Some sections of the trail seemed older than others, possibly due to the repairs. It was hard to see the turnpikes and other places the trail is shored up because of all the golden leaves littered on the ground, but for the most part the trail was free from mud. I loved how the snow was dusting the branches and logs, what little was on the trail was from fat globs falling from the trees like powdered sugar on a chocolate cake.
At 2 miles in, the trail left the river again and made a switchback up and above even further from the river. Here, the trail is being carved into the slope and was more raw than what I had been traveling on before. It is also had streams flowing down over it leading to more erosion and mud to leap over. It wasn’t bad, just in contrast to the highly groomed path previously. My guess is there is still work to be done like drains and water bars to fend off the water coming down from Thorton Lake and White Chuck Mountain above. There was even evidence of work yet to be done, I imagine it will be several more years before the trail connects through the other trailhead at the other end.

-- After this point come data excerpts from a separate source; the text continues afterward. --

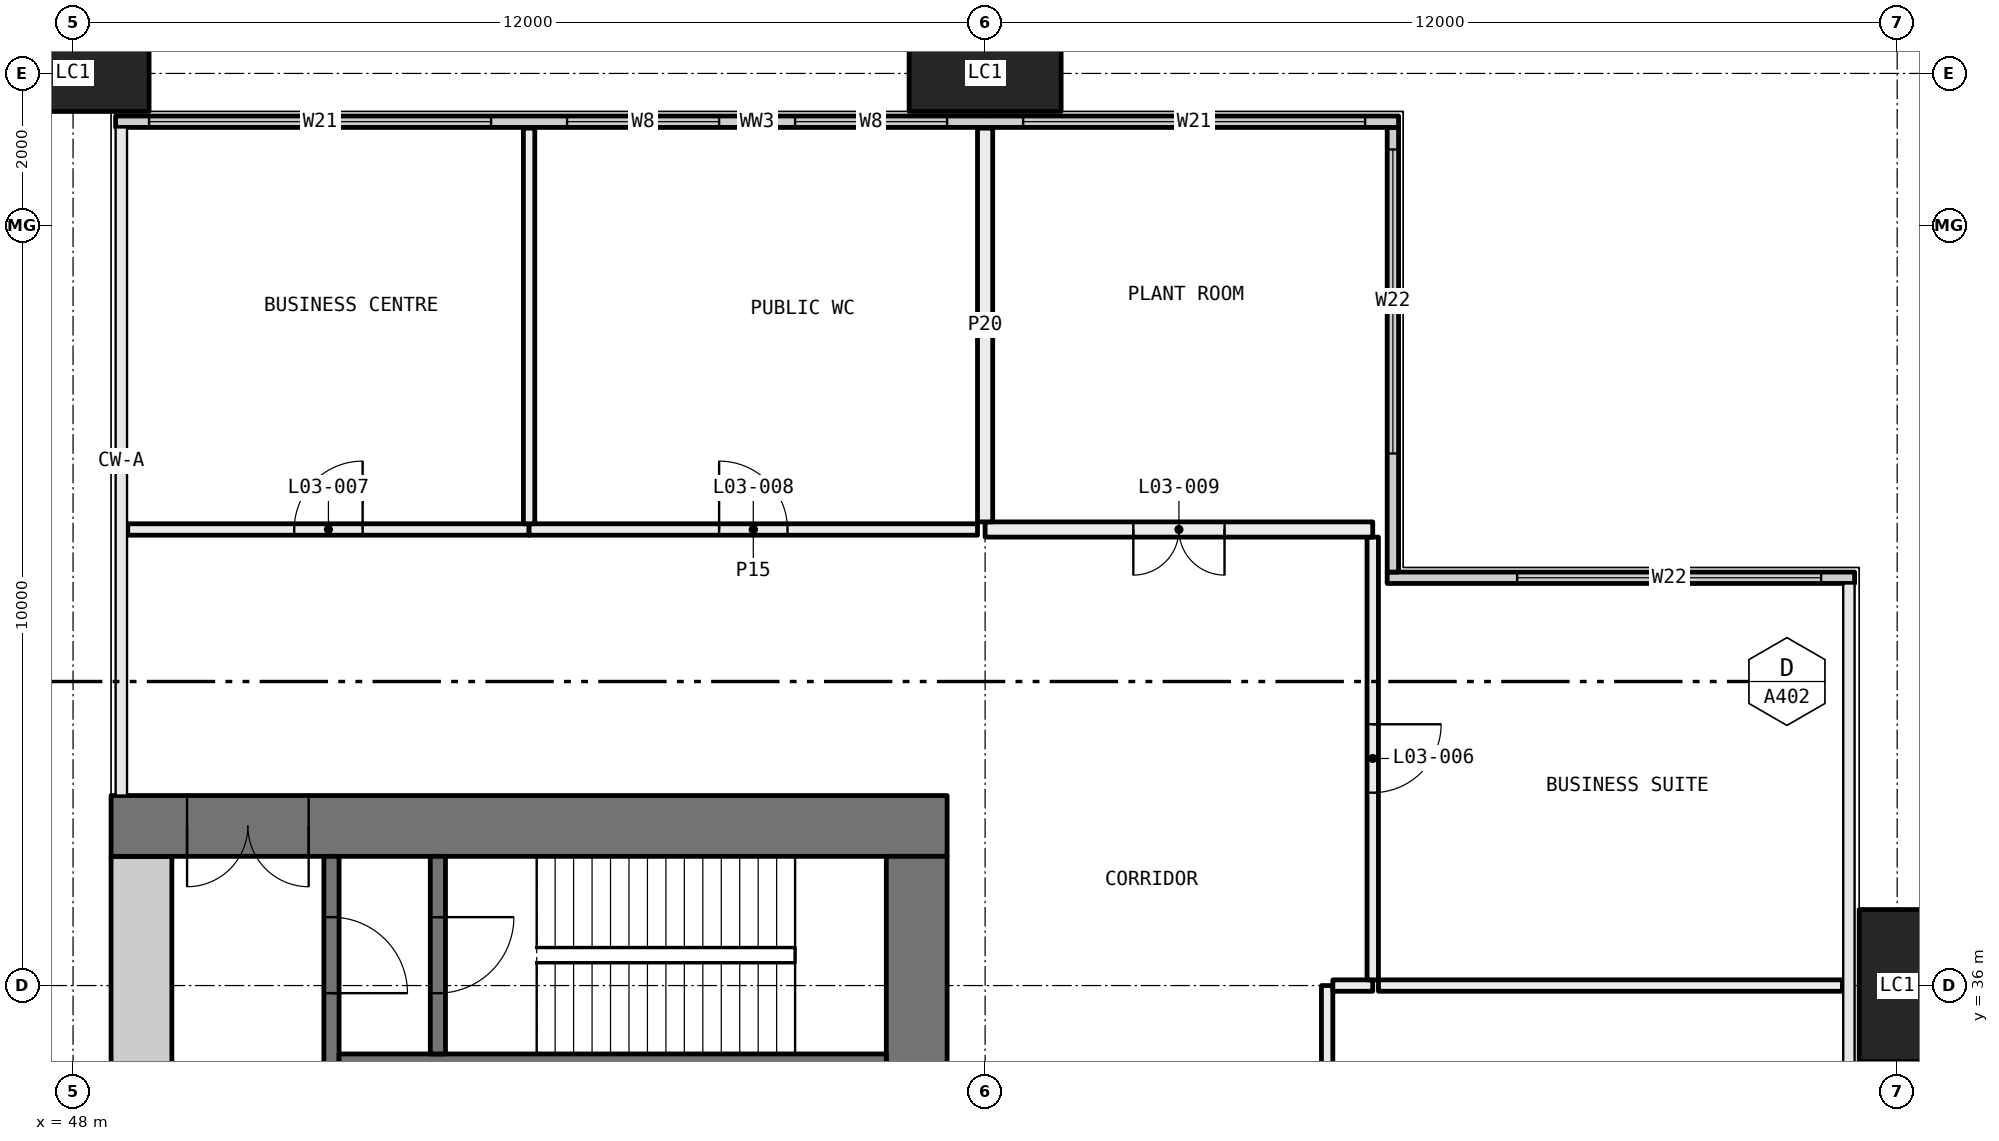
"""IFC4 building model, lengths in metres.
Left out: names, types, materials, properties, quantities, classifications, styles, units other than length and angle.
Written with IfcOpenShell. Run it as: python <this file> out.ifc"""

import sys

from ifc_helpers import new_model, si_unit, direction, frame, frame_2d, origin, origin_2d, place, context, subcontext, project, spatial, rectangle, hollow_rectangle, extrude, element, fill, save


model = new_model("IFC4")
c1 = context("Model", 3, precision=1e-05, world=origin(), true_north=direction((0.0, 1.0)))
c2 = subcontext(c1, "Body", "Model", "MODEL_VIEW")
j1 = project(units=[si_unit("LENGTHUNIT", "METRE"), si_unit("PLANEANGLEUNIT", "RADIAN")], contexts=[c1])
p1 = place(None, origin())
s1 = spatial("IfcSite", under=j1, at=p1, CompositionType="ELEMENT")
p2 = place(p1, origin())
s2 = spatial("IfcBuilding", under=s1, at=p2, CompositionType="ELEMENT")
p3 = place(p2, frame((0.0, 0.0, 18.0)))
s3 = spatial("IfcBuildingStorey", under=s2, at=p3, CompositionType="ELEMENT", Elevation=18.0)
for number, where, z_axis, x_axis in (
    (1, (48.0, 48.0, -0.4), (0.0, 0.0, 1.0), (1.0, 0.0, 0.0)),
    (2, (60.0, 48.0, -0.4), (0.0, 0.0, 1.0), (1.0, 0.0, 0.0)),
    (3, (72.0, 36.0, -0.4), (0.0, 0.0, 1.0), (0.0, 1.0, 0.0)),
):
    element("IfcColumn", number, at=place(p3, frame(where, z_axis=z_axis, x_axis=x_axis)), inside=s3, PredefinedType="COLUMN", context=c2, shape_type="SweptSolid", body=[
        extrude(hollow_rectangle(XDim=2.0, YDim=1.0, WallThickness=0.08, at=origin_2d()), origin(), (0.0, 0.0, 1.0), 6.0),
    ])
p4 = place(p3, frame((65.29, 41.365, 0.0), z_axis=(0.0, 0.0, 1.0), x_axis=(1.0, 0.0, 0.0)))
e4 = element("IfcWall", 4, at=p4, inside=s3, PredefinedType="ELEMENTEDWALL", context=c2, shape_type="SweptSolid", body=[
    extrude(rectangle(XDim=6.15, YDim=0.15, at=frame_2d((3.075, 0.0))), origin(), (0.0, 0.0, 1.0), 5.6),
])
p5 = place(p4, frame((1.71, 0.0, 0.45)))
e5 = element("IfcOpeningElement", 5, at=p5, cuts=e4, PredefinedType="OPENING", context=c2, shape_type="SweptSolid", body=[
    extrude(rectangle(XDim=4.0, YDim=5.1, at=frame_2d((2.0, 2.55))), frame((0.0, 0.085, 0.0), z_axis=(0.0, -1.0, 0.0), x_axis=(1.0, 0.0, 0.0)), (0.0, 0.0, 1.0), 0.17),
])
p6 = place(p3, frame((65.365, 41.44, 0.0), z_axis=(0.0, 0.0, 1.0), x_axis=(0.0, 1.0, 0.0)))
e6 = element("IfcWall", 6, at=p6, inside=s3, PredefinedType="ELEMENTEDWALL", context=c2, shape_type="SweptSolid", body=[
    extrude(rectangle(XDim=5.85, YDim=0.15, at=frame_2d((2.925, 0.0))), origin(), (0.0, 0.0, 1.0), 5.6),
])
p7 = place(p6, frame((1.56, 0.0, 0.45)))
e7 = element("IfcOpeningElement", 7, at=p7, cuts=e6, PredefinedType="OPENING", context=c2, shape_type="SweptSolid", body=[
    extrude(rectangle(XDim=4.0, YDim=5.1, at=frame_2d((2.0, 2.55))), frame((0.0, 0.085, 0.0), z_axis=(0.0, -1.0, 0.0), x_axis=(1.0, 0.0, 0.0)), (0.0, 0.0, 1.0), 0.17),
])
p8 = place(p3, frame((48.56, 47.365, 0.0), z_axis=(0.0, 0.0, 1.0), x_axis=(1.0, 0.0, 0.0)))
e8 = element("IfcWall", 8, at=p8, inside=s3, PredefinedType="ELEMENTEDWALL", context=c2, shape_type="SweptSolid", body=[
    extrude(rectangle(XDim=16.88, YDim=0.15, at=frame_2d((8.44, 0.0))), origin(), (0.0, 0.0, 1.0), 5.6),
])
p9 = place(p8, frame((0.44, 0.0, 0.45)))
e9 = element("IfcOpeningElement", 9, at=p9, cuts=e8, PredefinedType="OPENING", context=c2, shape_type="SweptSolid", body=[
    extrude(rectangle(XDim=4.5, YDim=5.1, at=frame_2d((2.25, 2.55))), frame((0.0, 0.085, 0.0), z_axis=(0.0, -1.0, 0.0), x_axis=(1.0, 0.0, 0.0)), (0.0, 0.0, 1.0), 0.17),
])
p10 = place(p8, frame((5.94, 0.0, 0.45)))
e10 = element("IfcOpeningElement", 10, at=p10, cuts=e8, PredefinedType="OPENING", context=c2, shape_type="SweptSolid", body=[
    extrude(rectangle(XDim=2.0, YDim=5.1, at=frame_2d((1.0, 2.55))), frame((0.0, 0.085, 0.0), z_axis=(0.0, -1.0, 0.0), x_axis=(1.0, 0.0, 0.0)), (0.0, 0.0, 1.0), 0.17),
])
p11 = place(p8, frame((8.94, 0.0, 0.45)))
e11 = element("IfcOpeningElement", 11, at=p11, cuts=e8, PredefinedType="OPENING", context=c2, shape_type="SweptSolid", body=[
    extrude(rectangle(XDim=2.0, YDim=5.1, at=frame_2d((1.0, 2.55))), frame((0.0, 0.085, 0.0), z_axis=(0.0, -1.0, 0.0), x_axis=(1.0, 0.0, 0.0)), (0.0, 0.0, 1.0), 0.17),
])
p12 = place(p8, frame((11.94, 0.0, 0.45)))
e12 = element("IfcOpeningElement", 12, at=p12, cuts=e8, PredefinedType="OPENING", context=c2, shape_type="SweptSolid", body=[
    extrude(rectangle(XDim=4.5, YDim=5.1, at=frame_2d((2.25, 2.55))), frame((0.0, 0.085, 0.0), z_axis=(0.0, -1.0, 0.0), x_axis=(1.0, 0.0, 0.0)), (0.0, 0.0, 1.0), 0.17),
])
p13 = place(p3, frame((64.5, 30.075, 0.0), z_axis=(0.0, 0.0, 1.0), x_axis=(0.0, 1.0, 0.0)))
e13 = element("IfcWall", 13, at=p13, inside=s3, PredefinedType="PARTITIONING", context=c2, shape_type="SweptSolid", body=[
    extrude(rectangle(XDim=5.925, YDim=0.15, at=frame_2d((2.962, 0.0))), origin(), (0.0, 0.0, 1.0), 5.6),
])
p14 = place(p13, frame((2.512, 0.0, 0.0)))
e14 = element("IfcOpeningElement", 14, at=p14, cuts=e13, PredefinedType="OPENING", context=c2, shape_type="SweptSolid", body=[
    extrude(rectangle(XDim=0.9, YDim=2.1, at=frame_2d((0.45, 1.05))), frame((0.0, 0.085, 0.0), z_axis=(0.0, -1.0, 0.0), x_axis=(1.0, 0.0, 0.0)), (0.0, 0.0, 1.0), 0.17),
])
p15 = place(p3, frame((64.575, 36.0, 0.0), z_axis=(0.0, 0.0, 1.0), x_axis=(1.0, 0.0, 0.0)))
e15 = element("IfcWall", 15, at=p15, inside=s3, PredefinedType="PARTITIONING", context=c2, shape_type="SweptSolid", body=[
    extrude(rectangle(XDim=0.525, YDim=0.15, at=frame_2d((0.263, 0.0))), origin(), (0.0, 0.0, 1.0), 5.6),
])
p16 = place(p3, frame((65.1, 36.075, 0.0), z_axis=(0.0, 0.0, 1.0), x_axis=(0.0, 1.0, 0.0)))
e16 = element("IfcWall", 16, at=p16, inside=s3, PredefinedType="PARTITIONING", context=c2, shape_type="SweptSolid", body=[
    extrude(rectangle(XDim=5.825, YDim=0.15, at=frame_2d((2.913, 0.0))), origin(), (0.0, 0.0, 1.0), 5.6),
])
p17 = place(p16, frame((2.462, 0.0, 0.0)))
e17 = element("IfcOpeningElement", 17, at=p17, cuts=e16, PredefinedType="OPENING", context=c2, shape_type="SweptSolid", body=[
    extrude(rectangle(XDim=0.9, YDim=2.1, at=frame_2d((0.45, 1.05))), frame((0.0, 0.085, 0.0), z_axis=(0.0, -1.0, 0.0), x_axis=(1.0, 0.0, 0.0)), (0.0, 0.0, 1.0), 0.17),
])
p18 = place(p3, frame((54.0, 42.0, 0.0), z_axis=(0.0, 0.0, 1.0), x_axis=(-1.0, 0.0, 0.0)))
e18 = element("IfcWall", 18, at=p18, inside=s3, PredefinedType="PARTITIONING", context=c2, shape_type="SweptSolid", body=[
    extrude(rectangle(XDim=5.28, YDim=0.15, at=frame_2d((2.64, 0.0))), origin(), (0.0, 0.0, 1.0), 5.6),
])
p19 = place(p18, frame((2.19, 0.0, 0.0)))
e19 = element("IfcOpeningElement", 19, at=p19, cuts=e18, PredefinedType="OPENING", context=c2, shape_type="SweptSolid", body=[
    extrude(rectangle(XDim=0.9, YDim=2.1, at=frame_2d((0.45, 1.05))), frame((0.0, 0.085, 0.0), z_axis=(0.0, -1.0, 0.0), x_axis=(1.0, 0.0, 0.0)), (0.0, 0.0, 1.0), 0.17),
])
p20 = place(p3, frame((59.9, 42.0, 0.0), z_axis=(0.0, 0.0, 1.0), x_axis=(-1.0, 0.0, 0.0)))
e20 = element("IfcWall", 20, at=p20, inside=s3, PredefinedType="PARTITIONING", context=c2, shape_type="SweptSolid", body=[
    extrude(rectangle(XDim=5.9, YDim=0.15, at=frame_2d((2.95, 0.0))), origin(), (0.0, 0.0, 1.0), 5.6),
])
p21 = place(p20, frame((2.5, 0.0, 0.0)))
e21 = element("IfcOpeningElement", 21, at=p21, cuts=e20, PredefinedType="OPENING", context=c2, shape_type="SweptSolid", body=[
    extrude(rectangle(XDim=0.9, YDim=2.1, at=frame_2d((0.45, 1.05))), frame((0.0, 0.085, 0.0), z_axis=(0.0, -1.0, 0.0), x_axis=(1.0, 0.0, 0.0)), (0.0, 0.0, 1.0), 0.17),
])
p22 = place(p3, frame((65.1, 42.0, 0.0), z_axis=(0.0, 0.0, 1.0), x_axis=(-1.0, 0.0, 0.0)))
e22 = element("IfcWall", 22, at=p22, inside=s3, PredefinedType="PARTITIONING", context=c2, shape_type="SweptSolid", body=[
    extrude(rectangle(XDim=5.1, YDim=0.2, at=frame_2d((2.55, 0.0))), origin(), (0.0, 0.0, 1.0), 5.6),
])
p23 = place(p22, frame((1.95, 0.0, 0.0)))
e23 = element("IfcOpeningElement", 23, at=p23, cuts=e22, PredefinedType="OPENING", context=c2, shape_type="SweptSolid", body=[
    extrude(rectangle(XDim=1.2, YDim=2.1, at=frame_2d((0.6, 1.05))), frame((0.0, 0.11, 0.0), z_axis=(0.0, -1.0, 0.0), x_axis=(1.0, 0.0, 0.0)), (0.0, 0.0, 1.0), 0.22),
])
p24 = place(p3, frame((71.28, 36.0, 0.0), z_axis=(0.0, 0.0, 1.0), x_axis=(-1.0, 0.0, 0.0)))
e24 = element("IfcWall", 24, at=p24, inside=s3, PredefinedType="PARTITIONING", context=c2, shape_type="SweptSolid", body=[
    extrude(rectangle(XDim=6.105, YDim=0.15, at=frame_2d((3.052, 0.0))), origin(), (0.0, 0.0, 1.0), 5.6),
])
p25 = place(p3, frame((54.0, 42.075, 0.0), z_axis=(0.0, 0.0, 1.0), x_axis=(0.0, 1.0, 0.0)))
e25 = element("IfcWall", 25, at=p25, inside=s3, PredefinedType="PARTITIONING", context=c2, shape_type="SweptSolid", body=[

The trail did eventually end at about 2.9 miles in at a stream crossing down a ravine littered with a huge pile of logs. The flagged markers showed where the trail is supposed to continue and I could see where chainsaws have begun to make work of the logs. It sure helps you appreciate the work that goes into building trails when you can see the sharp contrast between where you can walk and where the trail must go.
I sat for a bit to eat a snack and drink some tea before returning back the way I had come. Although I had very little gain today, a 6 mile hike was satisfying and I look forward to another hike when the trail has been completed!
Directions: Drive south on the Mountain Loop HWY 8.9 miles from the T intersection of SR 530 (in Darrington), turning left at the sign for the White Chuck Boat Launch (FR 22). Cross over the bridge and in .8 miles there will be a pullout on the left and a trailhead sign on the right. It can be confusing because the boat launch is about .2 miles in and that is where the privies are. The forest road continues past here and winds up away from the river. There is room for about 5-6 cars in the pullout. There is also another access point further south on the Mountain Loop if you turn on FR 23 and follow it about 6.5 miles to where it crosses over a bridge and the trailhead is down on the right with a privy. The road is very potholed and brushy.